Les ministres des Affaires européennes des pays de l'Union se sont réunis à Bruxelles, mardi 17 mars, pour préparer le Sommet européen des jeudi 19 et vendredi 20 mars et pour débattre du prochain cadre financier pluriannuel (CFP) 2028-2034.
« Cet échange de vues fructueux nous permettra de faire avancer les travaux, conformément à l'ambition que nous nous sommes fixée (...), à savoir présenter un cadre de négociation abouti comprenant des chiffres indicatifs et des orientations générales (...) en 2026 », a déclaré la ministre chypriote des Affaires européennes, Marilena Raouna, à l'issue de la réunion.

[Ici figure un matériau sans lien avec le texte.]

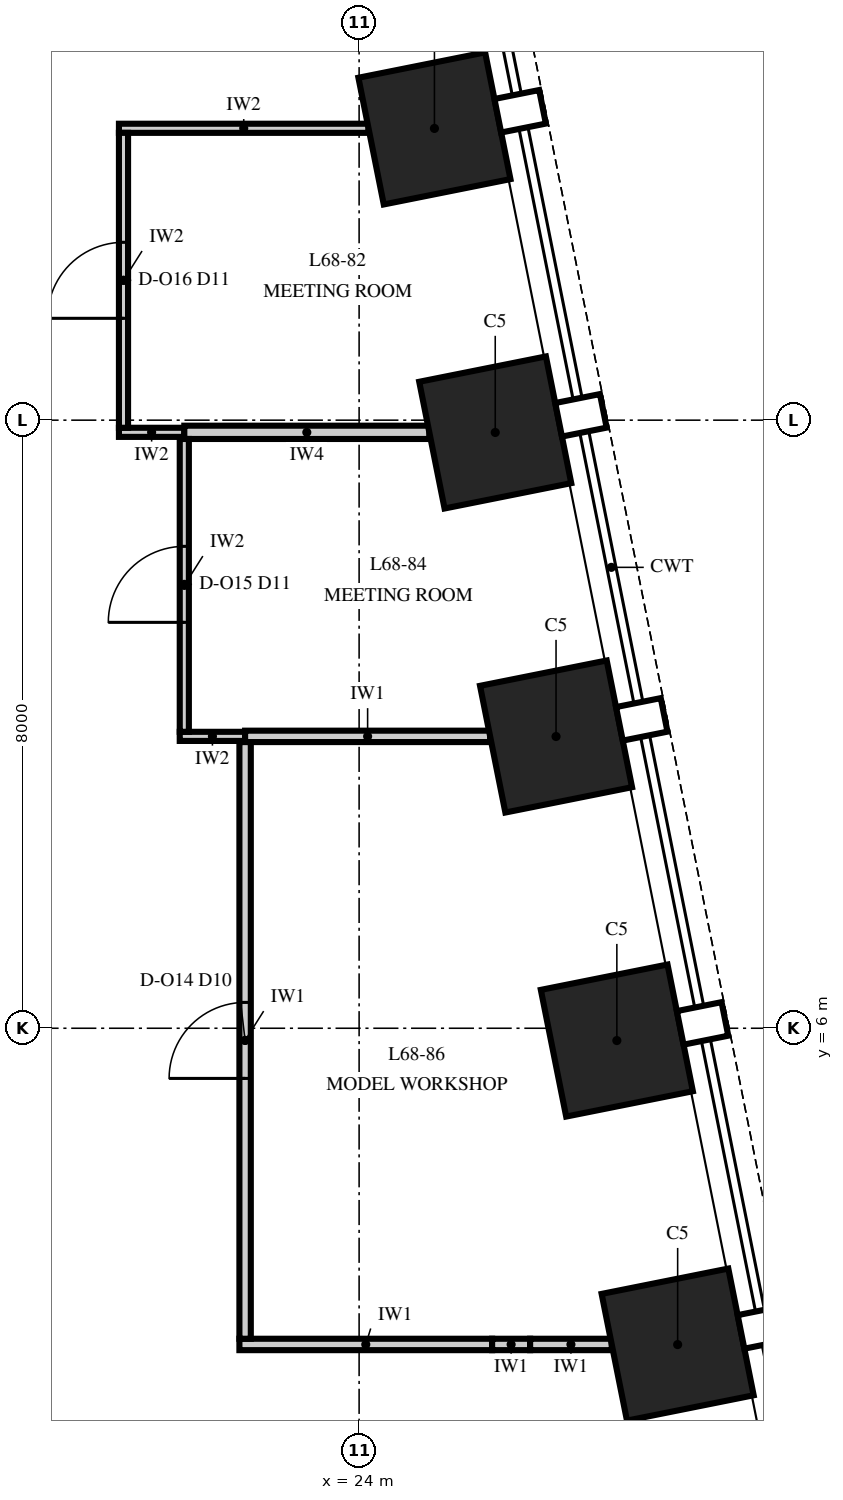
"""IFC4 building model, lengths in metres.
Left out: names, types, materials, properties, quantities, classifications, styles, units other than length and angle.
Written with IfcOpenShell. Run it as: python <this file> out.ifc"""

import sys

from ifc_helpers import new_model, si_unit, direction, frame, frame_2d, origin, origin_2d, place, context, subcontext, project, spatial, rectangle, extrude, element, fill, save


model = new_model("IFC4")
c1 = context("Model", 3, precision=1e-05, world=origin(), true_north=direction((0.0, 1.0)))
c2 = subcontext(c1, "Body", "Model", "MODEL_VIEW")
j1 = project(units=[si_unit("LENGTHUNIT", "METRE"), si_unit("PLANEANGLEUNIT", "RADIAN")], contexts=[c1])
p1 = place(None, origin())
s1 = spatial("IfcSite", under=j1, at=p1, CompositionType="ELEMENT")
p2 = place(p1, origin())
s2 = spatial("IfcBuilding", under=s1, at=p2, CompositionType="ELEMENT")
p3 = place(p2, frame((0.0, 0.0, 292.0)))
s3 = spatial("IfcBuildingStorey", under=s2, at=p3, CompositionType="ELEMENT", Elevation=292.0)
for number, where, z_axis, x_axis in (
    (1, (28.191, 1.838, 0.0), (0.0, 0.0, 1.0), (-0.196, 0.981, 0.0)),
    (2, (27.391, 5.838, 0.0), (0.0, 0.0, 1.0), (-0.196, 0.981, 0.0)),
    (3, (26.591, 9.838, 0.0), (0.0, 0.0, 1.0), (-0.196, 0.981, 0.0)),
    (4, (25.791, 13.838, 0.0), (0.0, 0.0, 1.0), (-0.196, 0.981, 0.0)),
    (5, (24.991, 17.838, 0.0), (0.0, 0.0, 1.0), (-0.196, 0.981, 0.0)),
):
    element("IfcColumn", number, at=place(p3, frame(where, z_axis=z_axis, x_axis=x_axis)), inside=s3, PredefinedType="COLUMN", context=c2, shape_type="SweptSolid", body=[
        extrude(rectangle(XDim=1.7, YDim=1.7, at=origin_2d()), origin(), (0.0, 0.0, 1.0), 4.0),
    ])
p4 = place(p3, frame((22.425, 1.84, 0.0), z_axis=(0.0, 0.0, 1.0), x_axis=(1.0, 0.0, 0.0)))
e6 = element("IfcWall", 6, at=p4, inside=s3, PredefinedType="PARTITIONING", context=c2, shape_type="SweptSolid", body=[
    extrude(rectangle(XDim=3.325, YDim=0.15, at=frame_2d((1.663, 0.0))), origin(), (0.0, 0.0, 1.0), 3.326),
])
p5 = place(p3, frame((25.75, 1.84, 0.0), z_axis=(0.0, 0.0, 1.0), x_axis=(1.0, 0.0, 0.0)))
e7 = element("IfcWall", 7, at=p5, inside=s3, PredefinedType="PARTITIONING", context=c2, shape_type="SweptSolid", body=[
    extrude(rectangle(XDim=0.5, YDim=0.15, at=frame_2d((0.25, 0.0))), origin(), (0.0, 0.0, 1.0), 2.15),
])
p6 = place(p3, frame((26.25, 1.84, 0.0), z_axis=(0.0, 0.0, 1.0), x_axis=(1.0, 0.0, 0.0)))
e8 = element("IfcWall", 8, at=p6, inside=s3, PredefinedType="PARTITIONING", context=c2, shape_type="SweptSolid", body=[
    extrude(rectangle(XDim=1.074, YDim=0.15, at=frame_2d((0.537, 0.0))), origin(), (0.0, 0.0, 1.0), 3.326),
])
p7 = place(p3, frame((21.64, 9.84, 0.0), z_axis=(0.0, 0.0, 1.0), x_axis=(1.0, 0.0, 0.0)))
e9 = element("IfcWall", 9, at=p7, inside=s3, PredefinedType="PARTITIONING", context=c2, shape_type="SweptSolid", body=[
    extrude(rectangle(XDim=0.86, YDim=0.12, at=frame_2d((0.43, 0.0))), origin(), (0.0, 0.0, 1.0), 3.85),
])
p8 = place(p3, frame((22.5, 9.84, 0.0), z_axis=(0.0, 0.0, 1.0), x_axis=(1.0, 0.0, 0.0)))
e10 = element("IfcWall", 10, at=p8, inside=s3, PredefinedType="PARTITIONING", context=c2, shape_type="SweptSolid", body=[
    extrude(rectangle(XDim=3.224, YDim=0.15, at=frame_2d((1.612, 0.0))), origin(), (0.0, 0.0, 1.0), 3.23),
])
p9 = place(p3, frame((20.84, 13.84, 0.0), z_axis=(0.0, 0.0, 1.0), x_axis=(1.0, 0.0, 0.0)))
e11 = element("IfcWall", 11, at=p9, inside=s3, PredefinedType="PARTITIONING", context=c2, shape_type="SweptSolid", body=[
    extrude(rectangle(XDim=0.86, YDim=0.12, at=frame_2d((0.43, 0.0))), origin(), (0.0, 0.0, 1.0), 3.85),
])
p10 = place(p3, frame((21.7, 13.84, 0.0), z_axis=(0.0, 0.0, 1.0), x_axis=(1.0, 0.0, 0.0)))
e12 = element("IfcWall", 12, at=p10, inside=s3, PredefinedType="PARTITIONING", context=c2, shape_type="SweptSolid", body=[
    extrude(rectangle(XDim=3.224, YDim=0.175, at=frame_2d((1.612, 0.0))), origin(), (0.0, 0.0, 1.0), 3.23),
])
p11 = place(p3, frame((20.84, 17.84, 0.0), z_axis=(0.0, 0.0, 1.0), x_axis=(1.0, 0.0, 0.0)))
e13 = element("IfcWall", 13, at=p11, inside=s3, PredefinedType="PARTITIONING", context=c2, shape_type="SweptSolid", body=[
    extrude(rectangle(XDim=3.284, YDim=0.12, at=frame_2d((1.642, 0.0))), origin(), (0.0, 0.0, 1.0), 3.23),
])
p12 = place(p3, frame((20.9, 13.9, 0.0), z_axis=(0.0, 0.0, 1.0), x_axis=(0.0, 1.0, 0.0)))
e14 = element("IfcWall", 14, at=p12, inside=s3, PredefinedType="PARTITIONING", context=c2, shape_type="SweptSolid", body=[
    extrude(rectangle(XDim=3.88, YDim=0.12, at=frame_2d((1.94, 0.0))), origin(), (0.0, 0.0, 1.0), 3.23),
])
p13 = place(p12, frame((1.44, 0.0, 0.0)))
e15 = element("IfcOpeningElement", 15, at=p13, cuts=e14, PredefinedType="OPENING", context=c2, shape_type="SweptSolid", body=[
    extrude(rectangle(XDim=1.0, YDim=2.4, at=frame_2d((0.5, 1.2))), frame((0.0, 0.075, 0.0), z_axis=(0.0, -1.0, 0.0), x_axis=(1.0, 0.0, 0.0)), (0.0, 0.0, 1.0), 0.15),
])
p14 = place(p3, frame((21.7, 9.9, 0.0), z_axis=(0.0, 0.0, 1.0), x_axis=(0.0, 1.0, 0.0)))
e16 = element("IfcWall", 16, at=p14, inside=s3, PredefinedType="PARTITIONING", context=c2, shape_type="SweptSolid", body=[
    extrude(rectangle(XDim=3.853, YDim=0.12, at=frame_2d((1.926, 0.0))), origin(), (0.0, 0.0, 1.0), 3.85),
])
p15 = place(p14, frame((1.44, 0.0, 0.0)))
e17 = element("IfcOpeningElement", 17, at=p15, cuts=e16, PredefinedType="OPENING", context=c2, shape_type="SweptSolid", body=[
    extrude(rectangle(XDim=1.0, YDim=2.4, at=frame_2d((0.5, 1.2))), frame((0.0, 0.075, 0.0), z_axis=(0.0, -1.0, 0.0), x_axis=(1.0, 0.0, 0.0)), (0.0, 0.0, 1.0), 0.15),
])
p16 = place(p3, frame((22.5, 1.915, 0.0), z_axis=(0.0, 0.0, 1.0), x_axis=(0.0, 1.0, 0.0)))
e18 = element("IfcWall", 18, at=p16, inside=s3, PredefinedType="PARTITIONING", context=c2, shape_type="SweptSolid", body=[
    extrude(rectangle(XDim=7.85, YDim=0.15, at=frame_2d((3.925, 0.0))), origin(), (0.0, 0.0, 1.0), 2.842),
])
p17 = place(p16, frame((3.425, 0.0, 0.0)))
e19 = element("IfcOpeningElement", 19, at=p17, cuts=e18, PredefinedType="OPENING", context=c2, shape_type="SweptSolid", body=[
    extrude(rectangle(XDim=1.0, YDim=2.3, at=frame_2d((0.5, 1.15))), frame((0.0, 0.09, 0.0), z_axis=(0.0, -1.0, 0.0), x_axis=(1.0, 0.0, 0.0)), (0.0, 0.0, 1.0), 0.18),
])
p18 = place(p17, origin())
e20 = element("IfcDoor", 20, at=p18, inside=s3, OperationType="SINGLE_SWING_LEFT", PredefinedType="DOOR", context=c2, shape_type="SweptSolid", body=[
    extrude(rectangle(XDim=1.0, YDim=2.3, at=frame_2d((0.5, 1.15))), frame((0.0, 0.075, 0.0), z_axis=(0.0, -1.0, 0.0), x_axis=(1.0, 0.0, 0.0)), (0.0, 0.0, 1.0), 0.149),
])
fill(e19, e20)
p19 = place(p15, origin())
e21 = element("IfcDoor", 21, at=p19, inside=s3, OperationType="SINGLE_SWING_RIGHT", PredefinedType="DOOR", context=c2, shape_type="SweptSolid", body=[
    extrude(rectangle(XDim=1.0, YDim=2.4, at=frame_2d((0.5, 1.2))), frame((0.0, 0.06, 0.0), z_axis=(0.0, -1.0, 0.0), x_axis=(1.0, 0.0, 0.0)), (0.0, 0.0, 1.0), 0.12),
])
fill(e17, e21)
p20 = place(p13, origin())
e22 = element("IfcDoor", 22, at=p20, inside=s3, OperationType="SINGLE_SWING_RIGHT", PredefinedType="DOOR", context=c2, shape_type="SweptSolid", body=[
    extrude(rectangle(XDim=1.0, YDim=2.4, at=frame_2d((0.5, 1.2))), frame((0.0, 0.06, 0.0), z_axis=(0.0, -1.0, 0.0), x_axis=(1.0, 0.0, 0.0)), (0.0, 0.0, 1.0), 0.12),
])
fill(e15, e22)
save(model, sys.argv[1])

Les ministres européens étaient invités à défendre les positions de leurs gouvernements sur les aspects liés à la gouvernance et à l'introduction de nouvelles ressources propres pour les trois principaux instruments de financement envisagés (Facilité pour les partenariats nationaux et régionaux, Fonds européen pour la compétitivité, Europe dans le monde).
Gouvernance. Les ministres ont globalement appelé à renforcer le rôle du Conseil de l'UE face à la flexibilité accrue proposée par la Commission européenne.
Le ministre français, Benjamin Haddad, a plaidé pour un « pilotage stratégique » renforcé du Conseil en amont du budget annuel, tandis que son homologue allemand, Gunther Krichbaum, a insisté sur une implication accrue des États membres de l'UE dans la mise en œuvre des programmes européens, en tenant compte des spécificités nationales.
Le ministre néerlandais, Tom Berendsen, a soutenu une modernisation du budget centrée sur la compétitivité, en rejetant par ailleurs une hausse jugée excessive de la contribution nationale des Pays-Bas au budget de l'UE et en demandant un encadrement politique plus strict, notamment dans le respect des « valeurs de l'UE ».
L'ambassadeur italien auprès de l'UE, Vincenzo Celeste, a mis en garde contre une « centralisation incontrôlée de la gestion des fonds entre les mains de la Commission », et le secrétaire d'État espagnol, Fernando Sampedro Marcos, a appelé à concilier flexibilité et respect des priorités politiques définies par les dirigeants.
Le ministre belge, Maxime Prévot, a défendu un budget européen plus flexible pour répondre aux enjeux stratégiques, mais, a-t-il déclaré, « la proposition nécessite des ajustements pour pouvoir rétablir l’équilibre institutionnel ».
Plusieurs autres pays, dont la Suède, la Pologne et la Grèce, ont insisté sur la nécessité d’éviter une complexité administrative accrue et de garantir un rôle clé du Conseil dans la programmation et l’exécution.
En outre, le mécanisme de pilotage ('steering mechanism') envisagé par la Commission suscite une série de réserves. Jugé encore trop flou, il pourrait, selon plusieurs pays, alourdir la procédure budgétaire ou affecter la stabilité des plans nationaux.
« À mon sens, ce Conseil a été l'occasion de préciser que nous n'allons pas modifier, par le biais du CFP, les règles prévues par le traité concernant l'équilibre interinstitutionnel entre le Conseil et le Parlement européen », a déclaré le commissaire européen au Budget, à la Lutte contre la fraude et à l'Administration publique, Piotr Serafin, lors d'une conférence de presse à l'issue de la réunion.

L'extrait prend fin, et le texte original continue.